# Drill Press



## Pastorshobby (Jan 22, 2018)

I need a recommendation on a drill press. Should I get an 8 or 10 " or do I need a 12'. Has anyone heard anything about the wen press? 
https://www.amazon.com/gp/product/B0...KIKX0DER&psc=1


----------



## JohnTC (Mar 1, 2018)

I have an 8 inch drill press. Not a WEN, but very similar to the 8 inch WEN. It meets my needs, but the rack and pinion table height adjustment and half inch further travel of the spindle on the 10 inch WEN would make a much more enjoyable tool to use. It's also not that much more expensive than the 8 inch. I don't have any WEN products, but am impressed with them after reading many reviews and watching reviews of some of their other products. They aren't top of the line tools, but seem to be a great value.


----------



## epicfail48 (Mar 27, 2014)

As with most tools, go with the largest you can afford bost money- and space-wise. No matter what you go with, it always works out that you need an extra inch of throat depth for whatever you happen to be working on. Might as well make sure that youve got as much as you can to start with. 

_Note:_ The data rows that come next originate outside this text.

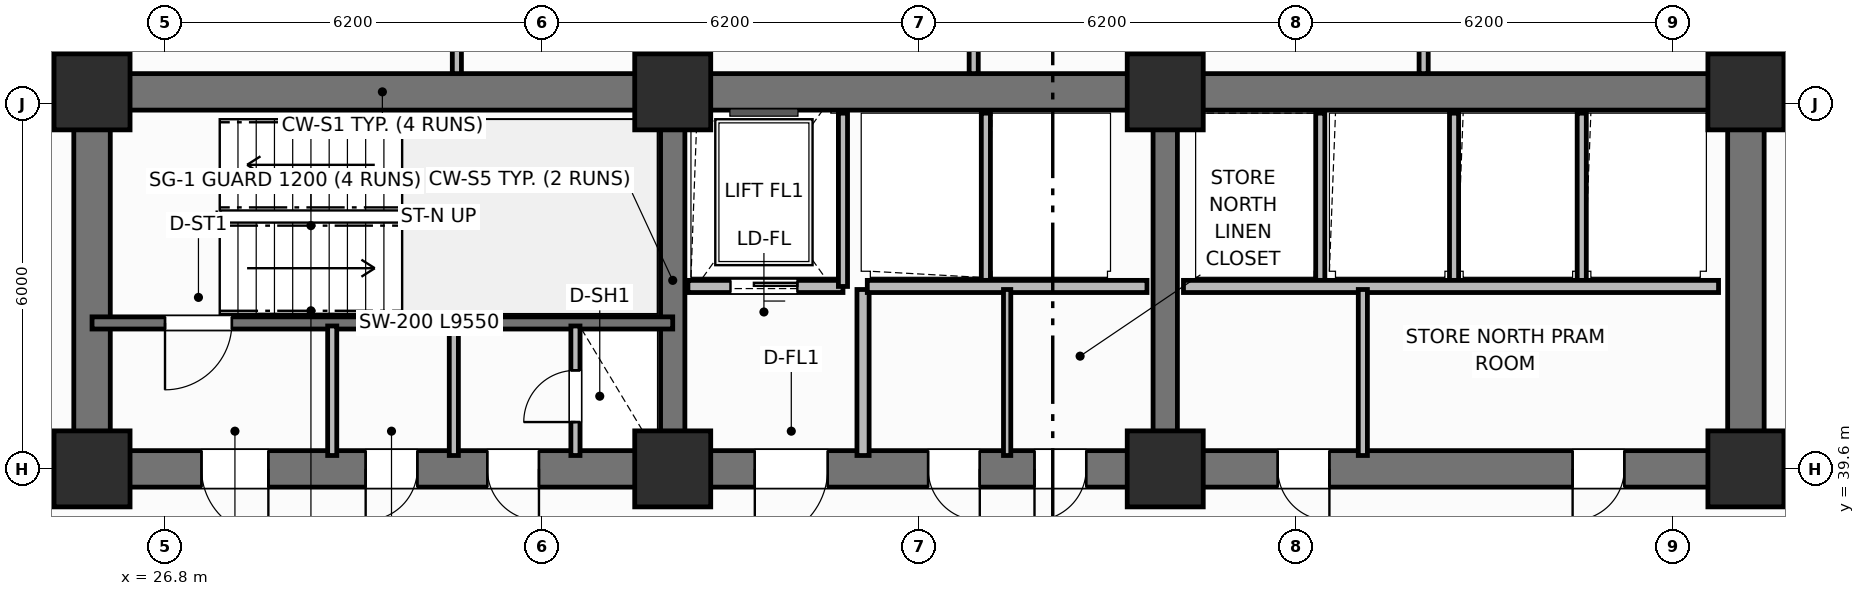
"""IFC4 building model, lengths in metres.
Left out: names, types, materials, properties, quantities, classifications, styles, units other than length and angle.
Written with IfcOpenShell. Run it as: python <this file> out.ifc"""

import sys

from ifc_helpers import new_model, si_unit, direction, frame, frame_2d, origin, origin_2d, place, context, subcontext, project, spatial, rectangle, extrude, element, fill, save


model = new_model("IFC4")
c1 = context("Model", 3, precision=1e-05, world=origin(), true_north=direction((0.0, 1.0)))
c2 = subcontext(c1, "Body", "Model", "MODEL_VIEW")
j1 = project(units=[si_unit("LENGTHUNIT", "METRE"), si_unit("PLANEANGLEUNIT", "RADIAN")], contexts=[c1])
p1 = place(None, origin())
s1 = spatial("IfcSite", under=j1, at=p1, CompositionType="ELEMENT")
p2 = place(p1, origin())
s2 = spatial("IfcBuilding", under=s1, at=p2, CompositionType="ELEMENT")
p3 = place(p2, frame((0.0, 0.0, 43.6)))
s3 = spatial("IfcBuildingStorey", under=s2, at=p3, CompositionType="ELEMENT", Elevation=43.6)
p4 = place(p3, frame((25.6, 45.8, 0.0), z_axis=(0.0, 0.0, 1.0), x_axis=(1.0, 0.0, 0.0)))
e1 = element("IfcWall", 1, at=p4, inside=s3, PredefinedType="SHEAR", context=c2, shape_type="SweptSolid", body=[
    extrude(rectangle(XDim=27.2, YDim=0.6, at=frame_2d((13.6, 0.0))), origin(), (0.0, 0.0, 1.0), 3.7),
])
for number, where, z_axis, x_axis in (
    (2, (25.6, 39.9, 0.0), (0.0, 0.0, 1.0), (0.0, 1.0, 0.0)),
    (3, (52.8, 39.9, 0.0), (0.0, 0.0, 1.0), (0.0, 1.0, 0.0)),
):
    element("IfcWall", number, at=place(p3, frame(where, z_axis=z_axis, x_axis=x_axis)), inside=s3, PredefinedType="SHEAR", context=c2, shape_type="SweptSolid", body=[
        extrude(rectangle(XDim=5.6, YDim=0.6, at=frame_2d((2.8, 0.0))), origin(), (0.0, 0.0, 1.0), 3.7),
    ])
p5 = place(p3, frame((52.8, 39.6, 0.0), z_axis=(0.0, 0.0, 1.0), x_axis=(-1.0, 0.0, 0.0)))
e4 = element("IfcWall", 4, at=p5, inside=s3, PredefinedType="SHEAR", context=c2, shape_type="SweptSolid", body=[
    extrude(rectangle(XDim=27.2, YDim=0.6, at=frame_2d((13.6, 0.0))), origin(), (0.0, 0.0, 1.0), 3.7),
])
p6 = place(p5, frame((24.3, 0.0, 0.0)))
e5 = element("IfcOpeningElement", 5, at=p6, cuts=e4, PredefinedType="OPENING", context=c2, shape_type="SweptSolid", body=[
    extrude(rectangle(XDim=1.1, YDim=2.15, at=frame_2d((0.55, 1.075))), frame((0.0, 0.31, 0.0), z_axis=(0.0, -1.0, 0.0), x_axis=(1.0, 0.0, 0.0)), (0.0, 0.0, 1.0), 0.62),
])
p7 = place(p5, frame((21.85, 0.0, 0.0)))
e6 = element("IfcOpeningElement", 6, at=p7, cuts=e4, PredefinedType="OPENING", context=c2, shape_type="SweptSolid", body=[
    extrude(rectangle(XDim=0.85, YDim=2.1, at=frame_2d((0.425, 1.05))), frame((0.0, 0.31, 0.0), z_axis=(0.0, -1.0, 0.0), x_axis=(1.0, 0.0, 0.0)), (0.0, 0.0, 1.0), 0.62),
])
p8 = place(p5, frame((19.85, 0.0, 0.0)))
e7 = element("IfcOpeningElement", 7, at=p8, cuts=e4, PredefinedType="OPENING", context=c2, shape_type="SweptSolid", body=[
    extrude(rectangle(XDim=0.85, YDim=2.1, at=frame_2d((0.425, 1.05))), frame((0.0, 0.31, 0.0), z_axis=(0.0, -1.0, 0.0), x_axis=(1.0, 0.0, 0.0)), (0.0, 0.0, 1.0), 0.62),
])
p9 = place(p5, frame((15.1, 0.0, 0.0)))
e8 = element("IfcOpeningElement", 8, at=p9, cuts=e4, PredefinedType="OPENING", context=c2, shape_type="SweptSolid", body=[
    extrude(rectangle(XDim=1.2, YDim=2.15, at=frame_2d((0.6, 1.075))), frame((0.0, 0.31, 0.0), z_axis=(0.0, -1.0, 0.0), x_axis=(1.0, 0.0, 0.0)), (0.0, 0.0, 1.0), 0.62),
])
p10 = place(p5, frame((12.6, 0.0, 0.0)))
e9 = element("IfcOpeningElement", 9, at=p10, cuts=e4, PredefinedType="OPENING", context=c2, shape_type="SweptSolid", body=[
    extrude(rectangle(XDim=0.85, YDim=2.1, at=frame_2d((0.425, 1.05))), frame((0.0, 0.31, 0.0), z_axis=(0.0, -1.0, 0.0), x_axis=(1.0, 0.0, 0.0)), (0.0, 0.0, 1.0), 0.62),
])
p11 = place(p5, frame((10.85, 0.0, 0.0)))
e10 = element("IfcOpeningElement", 10, at=p11, cuts=e4, PredefinedType="OPENING", context=c2, shape_type="SweptSolid", body=[
    extrude(rectangle(XDim=0.85, YDim=2.1, at=frame_2d((0.425, 1.05))), frame((0.0, 0.31, 0.0), z_axis=(0.0, -1.0, 0.0), x_axis=(1.0, 0.0, 0.0)), (0.0, 0.0, 1.0), 0.62),
])
p12 = place(p5, frame((6.85, 0.0, 0.0)))
e11 = element("IfcOpeningElement", 11, at=p12, cuts=e4, PredefinedType="OPENING", context=c2, shape_type="SweptSolid", body=[
    extrude(rectangle(XDim=0.85, YDim=2.1, at=frame_2d((0.425, 1.05))), frame((0.0, 0.31, 0.0), z_axis=(0.0, -1.0, 0.0), x_axis=(1.0, 0.0, 0.0)), (0.0, 0.0, 1.0), 0.62),
])
p13 = place(p5, frame((2.0, 0.0, 0.0)))
e12 = element("IfcOpeningElement", 12, at=p13, cuts=e4, PredefinedType="OPENING", context=c2, shape_type="SweptSolid", body=[
    extrude(rectangle(XDim=0.85, YDim=2.1, at=frame_2d((0.425, 1.05))), frame((0.0, 0.31, 0.0), z_axis=(0.0, -1.0, 0.0), x_axis=(1.0, 0.0, 0.0)), (0.0, 0.0, 1.0), 0.62),
])
for number, where, z_axis, x_axis in (
    (13, (35.15, 39.9, 0.0), (0.0, 0.0, 1.0), (0.0, 1.0, 0.0)),
    (14, (43.25, 39.9, 0.0), (0.0, 0.0, 1.0), (0.0, 1.0, 0.0)),
):
    element("IfcWall", number, at=place(p3, frame(where, z_axis=z_axis, x_axis=x_axis)), inside=s3, PredefinedType="SHEAR", context=c2, shape_type="SweptSolid", body=[
        extrude(rectangle(XDim=5.6, YDim=0.4, at=frame_2d((2.8, 0.0))), origin(), (0.0, 0.0, 1.0), 3.7),
    ])
for number, where, z_axis, x_axis in (
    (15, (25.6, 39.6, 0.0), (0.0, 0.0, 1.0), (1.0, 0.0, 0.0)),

As far as everything else goes, drill presses are pretty bog-simple machines. Once you get off the ground floor, theyre all pretty much the same mechanically, from the second to the top shelf. Stay away from the suspiciously cheap deals, but focus more on the useful features. Variable speed with the widest range possible is always a plus, electronically variable speed is the best but im actually fond of the classic 3 step pulley setup that gives you something like 20 speeds. Quill travel is also handy, more is better so you can reduce the number of times you have to move the table.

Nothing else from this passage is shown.